Personal information
- Full name: Minyahil Teshome Beyene
- Date of birth: 14 November 1985 (age 40)
- Place of birth: Addis Ababa, Ethiopia
- Height: 1.75 m (5 ft 9 in)
- Position: Midfielder

Team information
- Current team: Saint George

Senior career*
- Years: Team / Apps / (Gls)
- 2004–2012: Ethiopian Coffee
- 2012–2013: Dedebit
- 2013–: Saint George

International career^{‡}
- 2011–: Ethiopia / 22 / (1)

= Minyahil Teshome =

Ethiopian footballer (born 1985)

Minyahil Teshome (ምንያህል ተሾመ, born 14 November 1985) is an Ethiopian footballer.

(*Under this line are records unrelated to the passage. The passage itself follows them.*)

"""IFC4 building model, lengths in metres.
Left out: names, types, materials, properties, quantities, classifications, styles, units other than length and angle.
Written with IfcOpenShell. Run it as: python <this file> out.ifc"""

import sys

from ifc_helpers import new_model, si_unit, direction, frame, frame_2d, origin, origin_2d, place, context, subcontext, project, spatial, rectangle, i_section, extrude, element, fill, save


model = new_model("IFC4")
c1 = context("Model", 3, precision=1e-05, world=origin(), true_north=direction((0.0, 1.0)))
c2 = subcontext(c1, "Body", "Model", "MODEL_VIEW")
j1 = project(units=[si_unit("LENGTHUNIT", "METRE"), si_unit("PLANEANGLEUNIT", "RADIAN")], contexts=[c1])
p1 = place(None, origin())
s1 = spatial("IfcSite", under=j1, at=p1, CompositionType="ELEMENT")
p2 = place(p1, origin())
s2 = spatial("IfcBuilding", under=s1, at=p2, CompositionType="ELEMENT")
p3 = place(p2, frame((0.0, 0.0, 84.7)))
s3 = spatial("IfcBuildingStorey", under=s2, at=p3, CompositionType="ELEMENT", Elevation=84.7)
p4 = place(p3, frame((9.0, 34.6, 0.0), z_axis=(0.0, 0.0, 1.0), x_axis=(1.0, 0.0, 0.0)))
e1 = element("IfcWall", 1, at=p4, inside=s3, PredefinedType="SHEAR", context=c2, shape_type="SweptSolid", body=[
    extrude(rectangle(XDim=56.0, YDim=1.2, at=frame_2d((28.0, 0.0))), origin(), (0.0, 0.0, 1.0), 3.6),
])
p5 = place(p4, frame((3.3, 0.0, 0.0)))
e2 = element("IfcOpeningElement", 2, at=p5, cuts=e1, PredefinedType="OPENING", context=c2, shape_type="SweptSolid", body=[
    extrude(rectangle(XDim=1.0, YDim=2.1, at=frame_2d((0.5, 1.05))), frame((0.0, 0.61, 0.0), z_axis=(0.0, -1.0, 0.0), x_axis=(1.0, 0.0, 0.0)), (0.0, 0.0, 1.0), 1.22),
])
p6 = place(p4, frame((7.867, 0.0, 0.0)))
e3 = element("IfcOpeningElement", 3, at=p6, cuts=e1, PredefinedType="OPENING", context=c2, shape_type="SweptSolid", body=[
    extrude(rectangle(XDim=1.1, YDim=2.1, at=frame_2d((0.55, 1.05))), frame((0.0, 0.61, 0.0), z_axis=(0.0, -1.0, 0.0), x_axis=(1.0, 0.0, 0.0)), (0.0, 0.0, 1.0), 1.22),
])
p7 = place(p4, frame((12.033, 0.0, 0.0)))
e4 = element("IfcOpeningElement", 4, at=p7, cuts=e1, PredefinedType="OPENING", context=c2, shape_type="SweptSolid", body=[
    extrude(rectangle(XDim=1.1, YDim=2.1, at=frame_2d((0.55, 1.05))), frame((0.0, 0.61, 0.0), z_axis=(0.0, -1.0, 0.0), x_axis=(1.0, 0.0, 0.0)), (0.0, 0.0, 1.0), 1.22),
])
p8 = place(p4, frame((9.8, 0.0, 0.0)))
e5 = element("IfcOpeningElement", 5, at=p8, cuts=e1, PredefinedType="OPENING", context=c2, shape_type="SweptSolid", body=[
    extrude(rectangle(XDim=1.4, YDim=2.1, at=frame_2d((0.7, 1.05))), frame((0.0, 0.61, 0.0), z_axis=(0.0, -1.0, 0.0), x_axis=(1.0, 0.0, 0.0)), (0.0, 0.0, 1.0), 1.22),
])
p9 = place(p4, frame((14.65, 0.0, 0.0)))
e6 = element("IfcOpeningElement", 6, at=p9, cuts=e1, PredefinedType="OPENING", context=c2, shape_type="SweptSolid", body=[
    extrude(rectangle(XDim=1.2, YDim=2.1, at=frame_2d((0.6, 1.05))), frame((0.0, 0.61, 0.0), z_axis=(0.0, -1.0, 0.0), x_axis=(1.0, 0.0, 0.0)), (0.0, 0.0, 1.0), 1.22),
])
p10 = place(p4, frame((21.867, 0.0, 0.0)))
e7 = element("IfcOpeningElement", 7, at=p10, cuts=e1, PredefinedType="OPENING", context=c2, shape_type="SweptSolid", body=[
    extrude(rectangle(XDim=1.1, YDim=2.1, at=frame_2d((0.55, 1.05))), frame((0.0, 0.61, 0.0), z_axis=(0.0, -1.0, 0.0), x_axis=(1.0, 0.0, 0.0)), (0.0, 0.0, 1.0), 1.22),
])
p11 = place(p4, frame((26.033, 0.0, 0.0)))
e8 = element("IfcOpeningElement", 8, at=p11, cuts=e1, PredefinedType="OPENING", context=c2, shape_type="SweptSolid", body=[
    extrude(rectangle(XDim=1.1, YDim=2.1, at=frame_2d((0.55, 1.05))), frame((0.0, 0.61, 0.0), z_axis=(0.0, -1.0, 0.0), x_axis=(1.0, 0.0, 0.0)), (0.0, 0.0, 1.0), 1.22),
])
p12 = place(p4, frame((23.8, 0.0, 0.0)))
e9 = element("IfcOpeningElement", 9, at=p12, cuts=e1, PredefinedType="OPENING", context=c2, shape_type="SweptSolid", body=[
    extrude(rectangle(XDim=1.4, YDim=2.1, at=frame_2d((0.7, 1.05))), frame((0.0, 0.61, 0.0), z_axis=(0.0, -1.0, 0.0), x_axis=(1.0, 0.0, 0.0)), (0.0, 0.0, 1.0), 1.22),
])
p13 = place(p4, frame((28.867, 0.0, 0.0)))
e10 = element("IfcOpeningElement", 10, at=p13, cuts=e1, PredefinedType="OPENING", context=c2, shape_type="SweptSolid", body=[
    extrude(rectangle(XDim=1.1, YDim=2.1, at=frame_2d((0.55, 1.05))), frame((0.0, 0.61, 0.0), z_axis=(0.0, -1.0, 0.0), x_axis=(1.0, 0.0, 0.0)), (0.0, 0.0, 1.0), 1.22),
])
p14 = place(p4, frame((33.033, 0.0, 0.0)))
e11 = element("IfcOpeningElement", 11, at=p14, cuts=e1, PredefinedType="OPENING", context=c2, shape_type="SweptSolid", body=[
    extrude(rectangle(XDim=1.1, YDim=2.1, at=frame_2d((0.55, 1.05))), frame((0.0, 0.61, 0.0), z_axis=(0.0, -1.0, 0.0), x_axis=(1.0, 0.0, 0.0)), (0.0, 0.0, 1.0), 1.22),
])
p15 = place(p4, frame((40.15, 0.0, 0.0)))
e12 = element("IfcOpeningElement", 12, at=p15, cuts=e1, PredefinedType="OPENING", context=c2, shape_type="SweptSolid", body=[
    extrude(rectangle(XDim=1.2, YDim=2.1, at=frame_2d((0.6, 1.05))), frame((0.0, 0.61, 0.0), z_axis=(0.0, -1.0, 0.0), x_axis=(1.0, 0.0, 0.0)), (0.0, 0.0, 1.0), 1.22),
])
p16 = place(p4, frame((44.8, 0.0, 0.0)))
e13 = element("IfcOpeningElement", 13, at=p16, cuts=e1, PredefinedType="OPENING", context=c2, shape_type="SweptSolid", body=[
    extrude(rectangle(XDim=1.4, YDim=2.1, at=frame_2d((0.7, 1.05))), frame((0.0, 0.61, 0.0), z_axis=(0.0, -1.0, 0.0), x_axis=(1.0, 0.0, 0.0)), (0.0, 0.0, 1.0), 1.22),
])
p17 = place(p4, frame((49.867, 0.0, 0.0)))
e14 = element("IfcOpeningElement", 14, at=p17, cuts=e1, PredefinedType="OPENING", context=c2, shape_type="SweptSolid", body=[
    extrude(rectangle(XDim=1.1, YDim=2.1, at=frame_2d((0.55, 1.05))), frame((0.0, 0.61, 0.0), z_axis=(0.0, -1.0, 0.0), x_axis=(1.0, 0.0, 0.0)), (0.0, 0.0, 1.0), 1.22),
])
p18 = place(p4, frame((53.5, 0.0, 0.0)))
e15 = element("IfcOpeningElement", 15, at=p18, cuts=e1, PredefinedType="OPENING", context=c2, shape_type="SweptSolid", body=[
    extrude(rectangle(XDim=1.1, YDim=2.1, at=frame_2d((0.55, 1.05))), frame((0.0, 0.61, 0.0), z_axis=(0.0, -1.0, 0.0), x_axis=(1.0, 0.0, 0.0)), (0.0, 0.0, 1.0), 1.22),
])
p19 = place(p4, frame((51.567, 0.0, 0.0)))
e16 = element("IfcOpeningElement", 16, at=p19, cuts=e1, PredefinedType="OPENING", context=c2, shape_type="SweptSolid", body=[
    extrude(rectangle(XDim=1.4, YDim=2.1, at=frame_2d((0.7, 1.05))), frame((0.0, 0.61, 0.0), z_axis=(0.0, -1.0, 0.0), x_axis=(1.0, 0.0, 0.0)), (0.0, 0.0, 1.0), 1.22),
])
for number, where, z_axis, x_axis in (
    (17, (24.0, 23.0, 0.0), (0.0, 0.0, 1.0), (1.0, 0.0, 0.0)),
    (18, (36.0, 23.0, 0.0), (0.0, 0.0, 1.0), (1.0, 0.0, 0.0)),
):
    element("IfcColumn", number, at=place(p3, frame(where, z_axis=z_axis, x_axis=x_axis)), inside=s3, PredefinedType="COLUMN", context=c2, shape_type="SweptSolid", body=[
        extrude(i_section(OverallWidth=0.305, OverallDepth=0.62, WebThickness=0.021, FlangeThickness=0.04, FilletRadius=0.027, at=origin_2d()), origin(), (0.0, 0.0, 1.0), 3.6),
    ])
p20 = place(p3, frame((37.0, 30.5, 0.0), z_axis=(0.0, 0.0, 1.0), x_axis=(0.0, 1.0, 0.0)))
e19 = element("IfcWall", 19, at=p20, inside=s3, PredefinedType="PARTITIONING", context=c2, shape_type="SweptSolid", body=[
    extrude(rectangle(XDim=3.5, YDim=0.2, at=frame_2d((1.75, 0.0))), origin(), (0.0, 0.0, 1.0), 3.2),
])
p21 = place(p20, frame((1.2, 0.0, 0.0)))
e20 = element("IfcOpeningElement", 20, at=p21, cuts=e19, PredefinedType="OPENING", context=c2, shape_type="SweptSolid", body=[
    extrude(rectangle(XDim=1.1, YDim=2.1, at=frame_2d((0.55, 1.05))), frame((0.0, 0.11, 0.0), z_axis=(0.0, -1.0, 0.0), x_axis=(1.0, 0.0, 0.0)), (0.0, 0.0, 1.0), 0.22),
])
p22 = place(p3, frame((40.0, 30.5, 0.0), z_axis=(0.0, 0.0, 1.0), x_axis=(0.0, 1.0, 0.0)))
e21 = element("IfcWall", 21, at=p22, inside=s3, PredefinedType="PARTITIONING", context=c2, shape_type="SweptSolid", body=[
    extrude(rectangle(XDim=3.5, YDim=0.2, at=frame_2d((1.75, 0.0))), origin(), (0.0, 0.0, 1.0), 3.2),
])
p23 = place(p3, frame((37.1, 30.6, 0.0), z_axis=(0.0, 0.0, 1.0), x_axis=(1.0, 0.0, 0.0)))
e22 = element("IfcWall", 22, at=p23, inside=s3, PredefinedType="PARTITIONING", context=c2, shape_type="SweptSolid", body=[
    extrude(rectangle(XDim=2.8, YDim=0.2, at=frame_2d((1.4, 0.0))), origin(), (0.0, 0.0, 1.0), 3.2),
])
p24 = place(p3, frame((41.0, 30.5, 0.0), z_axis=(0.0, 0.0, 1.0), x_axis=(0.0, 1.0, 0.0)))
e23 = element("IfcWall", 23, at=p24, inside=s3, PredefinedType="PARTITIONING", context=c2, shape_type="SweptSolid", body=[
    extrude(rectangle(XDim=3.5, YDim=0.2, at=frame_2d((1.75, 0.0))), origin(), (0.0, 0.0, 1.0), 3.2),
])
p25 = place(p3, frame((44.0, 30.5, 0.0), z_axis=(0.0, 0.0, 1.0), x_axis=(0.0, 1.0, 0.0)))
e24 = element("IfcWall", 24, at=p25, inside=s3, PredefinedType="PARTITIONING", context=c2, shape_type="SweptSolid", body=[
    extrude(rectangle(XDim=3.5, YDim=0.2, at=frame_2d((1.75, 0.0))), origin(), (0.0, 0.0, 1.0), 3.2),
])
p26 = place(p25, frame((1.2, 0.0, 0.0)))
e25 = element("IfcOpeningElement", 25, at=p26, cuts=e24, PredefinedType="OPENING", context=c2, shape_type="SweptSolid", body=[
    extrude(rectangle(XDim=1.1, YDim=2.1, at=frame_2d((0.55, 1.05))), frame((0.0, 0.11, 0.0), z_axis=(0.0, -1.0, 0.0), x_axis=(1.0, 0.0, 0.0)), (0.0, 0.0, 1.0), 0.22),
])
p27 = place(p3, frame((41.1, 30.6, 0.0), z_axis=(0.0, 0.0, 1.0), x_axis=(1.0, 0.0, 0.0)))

He currently plays for Saint George, based in Addis Ababa, Ethiopia.

==Career==

Minyahil is a left-footed. He began his career with Ethiopian Coffee FC, and joined Dedebit in 2012.

==International career==
He is part of the Ethiopia national football team since 2011. He is on the list for 2013 African Nations Cup.

In January 2014, coach Sewnet Bishaw invited him to be a part of the Ethiopia squad for the 2014 African Nations Championship. The team was eliminated in the group stages after losing to Congo, Libya and Ghana.